El más audaz de los Lannister de 'Juego de tronos' hizo un increíble viaje del burdel a la alta política, de lo banal a la responsabilidad, sin rendirse nunca del todo al cinismo

Sábado, 15 de junio 2024

Necesitas ser registrado para acceder a esta funcionalidad.

Opciones para compartir

¿Cómo abordar a Tyrion Lannister? Probemos con «un hombre muy pequeño puede proyectar una sombra muy grande». Esa frase literal de la serie, mientras hablan del poder de un buen relato —Yuval Noah Harari estaría orgulloso— puede ser un punto de inicio. Otro puede venir de una de sus primeras conversaciones en serio: «De haber sido un campesino me habrían abandonado en el bosque para morir. Desgraciadamente, nací Lannister».

Sin lugar a dudas, el personaje interpretado por Peter Dinklage es, además de uno de los más memorables, uno de los que más cambian, uno con un arco tremendo, interesantísimo. Es un casi viaje sobre las diferentes facetas de la inteligencia. De ser un ácrata cierraburdeles, un cínico sin esperanzas en la Humanidad, enterrado en oro y sin dar un palo al agua, sabiéndose mejor que los demás en un mundo de inútiles… a otra cosa bien distinta. Hay ramalazos hasta de Michael Corleone en este personaje, resistiéndose a aceptar su destino o cualquier responsabilidad, principalmente por el ninguneo que le han enseñado a sentir toda su vida. Odiado a muerte por su padre y por su hermana, Tyrion vive con la condena de ser considerado el asesino de su madre, que murió en el parto.

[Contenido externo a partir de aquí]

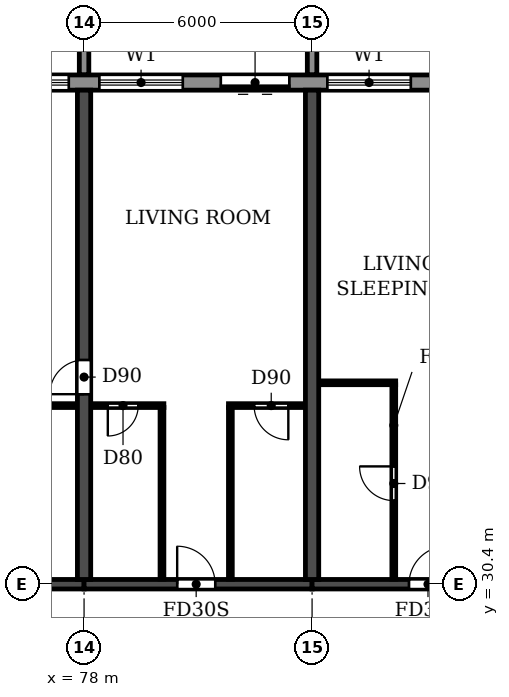
"""IFC4 building model, lengths in metres.
Left out: names, types, materials, properties, quantities, classifications, styles, units other than length and angle.
Written with IfcOpenShell. Run it as: python <this file> out.ifc"""

import sys

from ifc_helpers import new_model, si_unit, direction, frame, frame_2d, origin, place, context, subcontext, project, spatial, polyline, rectangle, outline, extrude, source, transform, mapped, element, fill, save


model = new_model("IFC4")
c1 = context("Model", 3, precision=1e-05, world=origin(), true_north=direction((0.0, 1.0)))
c2 = subcontext(c1, "Body", "Model", "MODEL_VIEW")
j1 = project(units=[si_unit("LENGTHUNIT", "METRE"), si_unit("PLANEANGLEUNIT", "RADIAN")], contexts=[c1])
p1 = place(None, origin())
s1 = spatial("IfcSite", under=j1, at=p1, CompositionType="ELEMENT")
p2 = place(p1, origin())
s2 = spatial("IfcBuilding", under=s1, at=p2, CompositionType="ELEMENT")
p3 = place(p2, frame((0.0, 0.0, 76.2)))
s3 = spatial("IfcBuildingStorey", under=s2, at=p3, CompositionType="ELEMENT", Elevation=76.2)
p4 = place(p3, frame((78.0, 30.525, 0.0), z_axis=(0.0, 0.0, 1.0), x_axis=(0.0, 1.0, 0.0)))
e1 = element("IfcWall", 1, at=p4, inside=s3, PredefinedType="SHEAR", context=c2, shape_type="SweptSolid", body=[
    extrude(rectangle(XDim=12.875, YDim=0.35, at=frame_2d((6.438, 0.0))), origin(), (0.0, 0.0, 1.0), 3.06),
])
p5 = place(p4, frame((4.875, 0.0, 0.0)))
e2 = element("IfcOpeningElement", 2, at=p5, cuts=e1, PredefinedType="OPENING", context=c2, shape_type="SweptSolid", body=[
    extrude(rectangle(XDim=0.9, YDim=2.1, at=frame_2d((0.45, 1.05))), frame((0.0, 0.185, 0.0), z_axis=(0.0, -1.0, 0.0), x_axis=(1.0, 0.0, 0.0)), (0.0, 0.0, 1.0), 0.37),
])
p6 = place(p3, frame((84.0, 30.525, 0.0), z_axis=(0.0, 0.0, 1.0), x_axis=(0.0, 1.0, 0.0)))
e3 = element("IfcWall", 3, at=p6, inside=s3, PredefinedType="SHEAR", context=c2, shape_type="SweptSolid", body=[
    extrude(rectangle(XDim=12.875, YDim=0.35, at=frame_2d((6.438, 0.0))), origin(), (0.0, 0.0, 1.0), 3.06),
])
p7 = place(p3, frame((72.0, 30.4, 0.0), z_axis=(0.0, 0.0, 1.0), x_axis=(1.0, 0.0, 0.0)))
e4 = element("IfcWall", 4, at=p7, inside=s3, PredefinedType="SHEAR", context=c2, shape_type="SweptSolid", body=[
    extrude(rectangle(XDim=6.0, YDim=0.25, at=frame_2d((3.0, 0.0))), origin(), (0.0, 0.0, 1.0), 2.46),
])
p8 = place(p3, frame((78.0, 30.4, 0.0), z_axis=(0.0, 0.0, 1.0), x_axis=(1.0, 0.0, 0.0)))
e5 = element("IfcWall", 5, at=p8, inside=s3, PredefinedType="SHEAR", context=c2, shape_type="SweptSolid", body=[
    extrude(rectangle(XDim=6.0, YDim=0.25, at=frame_2d((3.0, 0.0))), origin(), (0.0, 0.0, 1.0), 2.46),
])
p9 = place(p8, frame((2.45, 0.0, 0.0)))
e6 = element("IfcOpeningElement", 6, at=p9, cuts=e5, PredefinedType="OPENING", context=c2, shape_type="SweptSolid", body=[
    extrude(rectangle(XDim=1.0, YDim=2.1, at=frame_2d((0.5, 1.05))), frame((0.0, 0.135, 0.0), z_axis=(0.0, -1.0, 0.0), x_axis=(1.0, 0.0, 0.0)), (0.0, 0.0, 1.0), 0.27),
])
p10 = place(p3, frame((84.0, 30.4, 0.0), z_axis=(0.0, 0.0, 1.0), x_axis=(1.0, 0.0, 0.0)))
e7 = element("IfcWall", 7, at=p10, inside=s3, PredefinedType="SHEAR", context=c2, shape_type="SweptSolid", body=[
    extrude(rectangle(XDim=6.0, YDim=0.25, at=frame_2d((3.0, 0.0))), origin(), (0.0, 0.0, 1.0), 2.46),
])
p11 = place(p10, frame((2.55, 0.0, 0.0)))
e8 = element("IfcOpeningElement", 8, at=p11, cuts=e7, PredefinedType="OPENING", context=c2, shape_type="SweptSolid", body=[
    extrude(rectangle(XDim=1.0, YDim=2.1, at=frame_2d((0.5, 1.05))), frame((0.0, 0.135, 0.0), z_axis=(0.0, -1.0, 0.0), x_axis=(1.0, 0.0, 0.0)), (0.0, 0.0, 1.0), 0.27),
])
p12 = place(p3, frame((91.317, 43.6, 0.0), z_axis=(0.0, 0.0, 1.0), x_axis=(-1.0, 0.0, 0.0)))
e9 = element("IfcWall", 9, at=p12, inside=s3, PredefinedType="STANDARD", context=c2, shape_type="SweptSolid", body=[
    extrude(rectangle(XDim=80.634, YDim=0.4, at=frame_2d((40.317, 0.0))), origin(), (0.0, 0.0, 1.0), 3.06),
])
p13 = place(p12, frame((76.717, 0.0, 0.9)))
e10 = element("IfcOpeningElement", 10, at=p13, cuts=e9, PredefinedType="OPENING", context=c2, shape_type="SweptSolid", body=[
    extrude(rectangle(XDim=2.2, YDim=1.5, at=frame_2d((1.1, 0.75))), frame((0.0, 0.21, 0.0), z_axis=(0.0, -1.0, 0.0), x_axis=(1.0, 0.0, 0.0)), (0.0, 0.0, 1.0), 0.42),
])
p14 = place(p12, frame((73.917, 0.0, 0.0)))
e11 = element("IfcOpeningElement", 11, at=p14, cuts=e9, PredefinedType="OPENING", context=c2, shape_type="SweptSolid", body=[
    extrude(rectangle(XDim=1.8, YDim=2.4, at=frame_2d((0.9, 1.2))), frame((0.0, 0.21, 0.0), z_axis=(0.0, -1.0, 0.0), x_axis=(1.0, 0.0, 0.0)), (0.0, 0.0, 1.0), 0.42),
])
p15 = place(p12, frame((70.917, 0.0, 0.0)))
e12 = element("IfcOpeningElement", 12, at=p15, cuts=e9, PredefinedType="OPENING", context=c2, shape_type="SweptSolid", body=[
    extrude(rectangle(XDim=1.8, YDim=2.4, at=frame_2d((0.9, 1.2))), frame((0.0, 0.21, 0.0), z_axis=(0.0, -1.0, 0.0), x_axis=(1.0, 0.0, 0.0)), (0.0, 0.0, 1.0), 0.42),
])
p16 = place(p12, frame((67.717, 0.0, 0.9)))
e13 = element("IfcOpeningElement", 13, at=p16, cuts=e9, PredefinedType="OPENING", context=c2, shape_type="SweptSolid", body=[
    extrude(rectangle(XDim=2.2, YDim=1.5, at=frame_2d((1.1, 0.75))), frame((0.0, 0.21, 0.0), z_axis=(0.0, -1.0, 0.0), x_axis=(1.0, 0.0, 0.0)), (0.0, 0.0, 1.0), 0.42),
])
p17 = place(p12, frame((64.717, 0.0, 0.9)))
e14 = element("IfcOpeningElement", 14, at=p17, cuts=e9, PredefinedType="OPENING", context=c2, shape_type="SweptSolid", body=[
    extrude(rectangle(XDim=2.2, YDim=1.5, at=frame_2d((1.1, 0.75))), frame((0.0, 0.21, 0.0), z_axis=(0.0, -1.0, 0.0), x_axis=(1.0, 0.0, 0.0)), (0.0, 0.0, 1.0), 0.42),
])
p18 = place(p12, frame((61.917, 0.0, 0.0)))
e15 = element("IfcOpeningElement", 15, at=p18, cuts=e9, PredefinedType="OPENING", context=c2, shape_type="SweptSolid", body=[
    extrude(rectangle(XDim=1.8, YDim=2.4, at=frame_2d((0.9, 1.2))), frame((0.0, 0.21, 0.0), z_axis=(0.0, -1.0, 0.0), x_axis=(1.0, 0.0, 0.0)), (0.0, 0.0, 1.0), 0.42),
])
p19 = place(p12, frame((58.717, 0.0, 0.9)))
e16 = element("IfcOpeningElement", 16, at=p19, cuts=e9, PredefinedType="OPENING", context=c2, shape_type="SweptSolid", body=[
    extrude(rectangle(XDim=2.2, YDim=1.5, at=frame_2d((1.1, 0.75))), frame((0.0, 0.21, 0.0), z_axis=(0.0, -1.0, 0.0), x_axis=(1.0, 0.0, 0.0)), (0.0, 0.0, 1.0), 0.42),
])
p20 = place(p12, frame((55.917, 0.0, 0.0)))
e17 = element("IfcOpeningElement", 17, at=p20, cuts=e9, PredefinedType="OPENING", context=c2, shape_type="SweptSolid", body=[
    extrude(rectangle(XDim=1.8, YDim=2.4, at=frame_2d((0.9, 1.2))), frame((0.0, 0.21, 0.0), z_axis=(0.0, -1.0, 0.0), x_axis=(1.0, 0.0, 0.0)), (0.0, 0.0, 1.0), 0.42),
])
p21 = place(p12, frame((52.717, 0.0, 0.9)))
e18 = element("IfcOpeningElement", 18, at=p21, cuts=e9, PredefinedType="OPENING", context=c2, shape_type="SweptSolid", body=[
    extrude(rectangle(XDim=2.2, YDim=1.5, at=frame_2d((1.1, 0.75))), frame((0.0, 0.21, 0.0), z_axis=(0.0, -1.0, 0.0), x_axis=(1.0, 0.0, 0.0)), (0.0, 0.0, 1.0), 0.42),
])
p22 = place(p12, frame((49.717, 0.0, 0.9)))
e19 = element("IfcOpeningElement", 19, at=p22, cuts=e9, PredefinedType="OPENING", context=c2, shape_type="SweptSolid", body=[
    extrude(rectangle(XDim=2.2, YDim=1.5, at=frame_2d((1.1, 0.75))), frame((0.0, 0.21, 0.0), z_axis=(0.0, -1.0, 0.0), x_axis=(1.0, 0.0, 0.0)), (0.0, 0.0, 1.0), 0.42),
])
p23 = place(p12, frame((46.917, 0.0, 0.0)))
e20 = element("IfcOpeningElement", 20, at=p23, cuts=e9, PredefinedType="OPENING", context=c2, shape_type="SweptSolid", body=[
    extrude(rectangle(XDim=1.8, YDim=2.4, at=frame_2d((0.9, 1.2))), frame((0.0, 0.21, 0.0), z_axis=(0.0, -1.0, 0.0), x_axis=(1.0, 0.0, 0.0)), (0.0, 0.0, 1.0), 0.42),
])
p24 = place(p12, frame((43.717, 0.0, 0.9)))
e21 = element("IfcOpeningElement", 21, at=p24, cuts=e9, PredefinedType="OPENING", context=c2, shape_type="SweptSolid", body=[
    extrude(rectangle(XDim=2.2, YDim=1.5, at=frame_2d((1.1, 0.75))), frame((0.0, 0.21, 0.0), z_axis=(0.0, -1.0, 0.0), x_axis=(1.0, 0.0, 0.0)), (0.0, 0.0, 1.0), 0.42),
])
p25 = place(p12, frame((40.717, 0.0, 0.9)))
e22 = element("IfcOpeningElement", 22, at=p25, cuts=e9, PredefinedType="OPENING", context=c2, shape_type="SweptSolid", body=[
    extrude(rectangle(XDim=2.2, YDim=1.5, at=frame_2d((1.1, 0.75))), frame((0.0, 0.21, 0.0), z_axis=(0.0, -1.0, 0.0), x_axis=(1.0, 0.0, 0.0)), (0.0, 0.0, 1.0), 0.42),
])
p26 = place(p12, frame((37.917, 0.0, 0.0)))
e23 = element("IfcOpeningElement", 23, at=p26, cuts=e9, PredefinedType="OPENING", context=c2, shape_type="SweptSolid", body=[
    extrude(rectangle(XDim=1.8, YDim=2.4, at=frame_2d((0.9, 1.2))), frame((0.0, 0.21, 0.0), z_axis=(0.0, -1.0, 0.0), x_axis=(1.0, 0.0, 0.0)), (0.0, 0.0, 1.0), 0.42),
])
p27 = place(p12, frame((34.717, 0.0, 0.9)))
e24 = element("IfcOpeningElement", 24, at=p27, cuts=e9, PredefinedType="OPENING", context=c2, shape_type="SweptSolid", body=[
    extrude(rectangle(XDim=2.2, YDim=1.5, at=frame_2d((1.1, 0.75))), frame((0.0, 0.21, 0.0), z_axis=(0.0, -1.0, 0.0), x_axis=(1.0, 0.0, 0.0)), (0.0, 0.0, 1.0), 0.42),
])
p28 = place(p12, frame((31.917, 0.0, 0.0)))
e25 = element("IfcOpeningElement", 25, at=p28, cuts=e9, PredefinedType="OPENING", context=c2, shape_type="SweptSolid", body=[
    extrude(rectangle(XDim=1.8, YDim=2.4, at=frame_2d((0.9, 1.2))), frame((0.0, 0.21, 0.0), z_axis=(0.0, -1.0, 0.0), x_axis=(1.0, 0.0, 0.0)), (0.0, 0.0, 1.0), 0.42),
])
p29 = place(p12, frame((28.717, 0.0, 0.9)))
e26 = element("IfcOpeningElement", 26, at=p29, cuts=e9, PredefinedType="OPENING", context=c2, shape_type="SweptSolid", body=[
    extrude(rectangle(XDim=2.2, YDim=1.5, at=frame_2d((1.1, 0.75))), frame((0.0, 0.21, 0.0), z_axis=(0.0, -1.0, 0.0), x_axis=(1.0, 0.0, 0.0)), (0.0, 0.0, 1.0), 0.42),
])
p30 = place(p12, frame((25.717, 0.0, 0.9)))
e27 = element("IfcOpeningElement", 27, at=p30, cuts=e9, PredefinedType="OPENING", context=c2, shape_type="SweptSolid", body=[
    extrude(rectangle(XDim=2.2, YDim=1.5, at=frame_2d((1.1, 0.75))), frame((0.0, 0.21, 0.0), z_axis=(0.0, -1.0, 0.0), x_axis=(1.0, 0.0, 0.0)), (0.0, 0.0, 1.0), 0.42),
])
p31 = place(p12, frame((22.717, 0.0, 0.9)))
e28 = element("IfcOpeningElement", 28, at=p31, cuts=e9, PredefinedType="OPENING", context=c2, shape_type="SweptSolid", body=[
    extrude(rectangle(XDim=2.2, YDim=1.5, at=frame_2d((1.1, 0.75))), frame((0.0, 0.21, 0.0), z_axis=(0.0, -1.0, 0.0), x_axis=(1.0, 0.0, 0.0)), (0.0, 0.0, 1.0), 0.42),
])
p32 = place(p12, frame((19.917, 0.0, 0.0)))
e29 = element("IfcOpeningElement", 29, at=p32, cuts=e9, PredefinedType="OPENING", context=c2, shape_type="SweptSolid", body=[
    extrude(rectangle(XDim=1.8, YDim=2.4, at=frame_2d((0.9, 1.2))), frame((0.0, 0.21, 0.0), z_axis=(0.0, -1.0, 0.0), x_axis=(1.0, 0.0, 0.0)), (0.0, 0.0, 1.0), 0.42),
])
p33 = place(p12, frame((16.717, 0.0, 0.9)))
e30 = element("IfcOpeningElement", 30, at=p33, cuts=e9, PredefinedType="OPENING", context=c2, shape_type="SweptSolid", body=[
    extrude(rectangle(XDim=2.2, YDim=1.5, at=frame_2d((1.1, 0.75))), frame((0.0, 0.21, 0.0), z_axis=(0.0, -1.0, 0.0), x_axis=(1.0, 0.0, 0.0)), (0.0, 0.0, 1.0), 0.42),
])
p34 = place(p12, frame((13.717, 0.0, 0.9)))
e31 = element("IfcOpeningElement", 31, at=p34, cuts=e9, PredefinedType="OPENING", context=c2, shape_type="SweptSolid", body=[
    extrude(rectangle(XDim=2.2, YDim=1.5, at=frame_2d((1.1, 0.75))), frame((0.0, 0.21, 0.0), z_axis=(0.0, -1.0, 0.0), x_axis=(1.0, 0.0, 0.0)), (0.0, 0.0, 1.0), 0.42),
])
p35 = place(p12, frame((10.717, 0.0, 0.9)))
e32 = element("IfcOpeningElement", 32, at=p35, cuts=e9, PredefinedType="OPENING", context=c2, shape_type="SweptSolid", body=[
    extrude(rectangle(XDim=2.2, YDim=1.5, at=frame_2d((1.1, 0.75))), frame((0.0, 0.21, 0.0), z_axis=(0.0, -1.0, 0.0), x_axis=(1.0, 0.0, 0.0)), (0.0, 0.0, 1.0), 0.42),
])
p36 = place(p12, frame((7.917, 0.0, 0.0)))
e33 = element("IfcOpeningElement", 33, at=p36, cuts=e9, PredefinedType="OPENING", context=c2, shape_type="SweptSolid", body=[
    extrude(rectangle(XDim=1.8, YDim=2.4, at=frame_2d((0.9, 1.2))), frame((0.0, 0.21, 0.0), z_axis=(0.0, -1.0, 0.0), x_axis=(1.0, 0.0, 0.0)), (0.0, 0.0, 1.0), 0.42),
])
p37 = place(p12, frame((4.717, 0.0, 0.9)))
e34 = element("IfcOpeningElement", 34, at=p37, cuts=e9, PredefinedType="OPENING", context=c2, shape_type="SweptSolid", body=[
    extrude(rectangle(XDim=2.2, YDim=1.5, at=frame_2d((1.1, 0.75))), frame((0.0, 0.21, 0.0), z_axis=(0.0, -1.0, 0.0), x_axis=(1.0, 0.0, 0.0)), (0.0, 0.0, 1.0), 0.42),
])
p38 = place(p12, frame((1.917, 0.0, 0.0)))
e35 = element("IfcOpeningElement", 35, at=p38, cuts=e9, PredefinedType="OPENING", context=c2, shape_type="SweptSolid", body=[
    extrude(rectangle(XDim=1.8, YDim=2.4, at=frame_2d((0.9, 1.2))), frame((0.0, 0.21, 0.0), z_axis=(0.0, -1.0, 0.0), x_axis=(1.0, 0.0, 0.0)), (0.0, 0.0, 1.0), 0.42),
])
m1 = source(origin(), c2, "Body", "SweptSolid", [
    extrude(outline(polyline([(0.0, 0.0), (0.25, 0.0), (0.25, 3.1), (0.0, 3.1), (0.0, 0.0)])), origin(), (0.0, 0.0, 1.0), 3.1),
])
for number, where in (
    (36, (77.875, 43.8, 0.0)),
    (37, (83.875, 43.8, 0.0)),
):
    element("IfcWall", number, at=place(p3, frame(where)), inside=s3, PredefinedType="STANDARD", context=c2, shape_type="MappedRepresentation", body=[
        mapped(m1, transform((0.0, 0.0, 0.0))),
    ])
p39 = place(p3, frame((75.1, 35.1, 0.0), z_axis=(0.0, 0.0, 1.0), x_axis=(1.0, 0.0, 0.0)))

Pero es indudable que había un poso en Tyrion. Lee, le interesa el mundo, la gente, tal vez más que las intrigas. Es de los pocos que le da pábulo a la amenaza que viene del norte (y eso no quita que se permita miccionar desde lo más alto del muro porque le hace mucha gracia). Quizás el punto clave para su madurez sea cuando, tras ser designado de repente Mano del Rey por su padre y obligado a trabajar con el sádico cenutrio de Joffrey, ve que la política quizás no hay que dejarla en manos de cualquiera. Que las decisiones tienen consecuencias y que sí, se pueden sacar cosas adelante, y vencer en batallas imposibles (como la de Aguasnegras) usando la inteligencia. Pero para sobrevivir en la corte, por supuesto hay que ser maquiavélico —para bien— y más listo que el hambre. La competencia es fuerte, con personajes como Varys, Meñique o la propia Cersei, a quien también le dedicamos otro artículo de esta serie.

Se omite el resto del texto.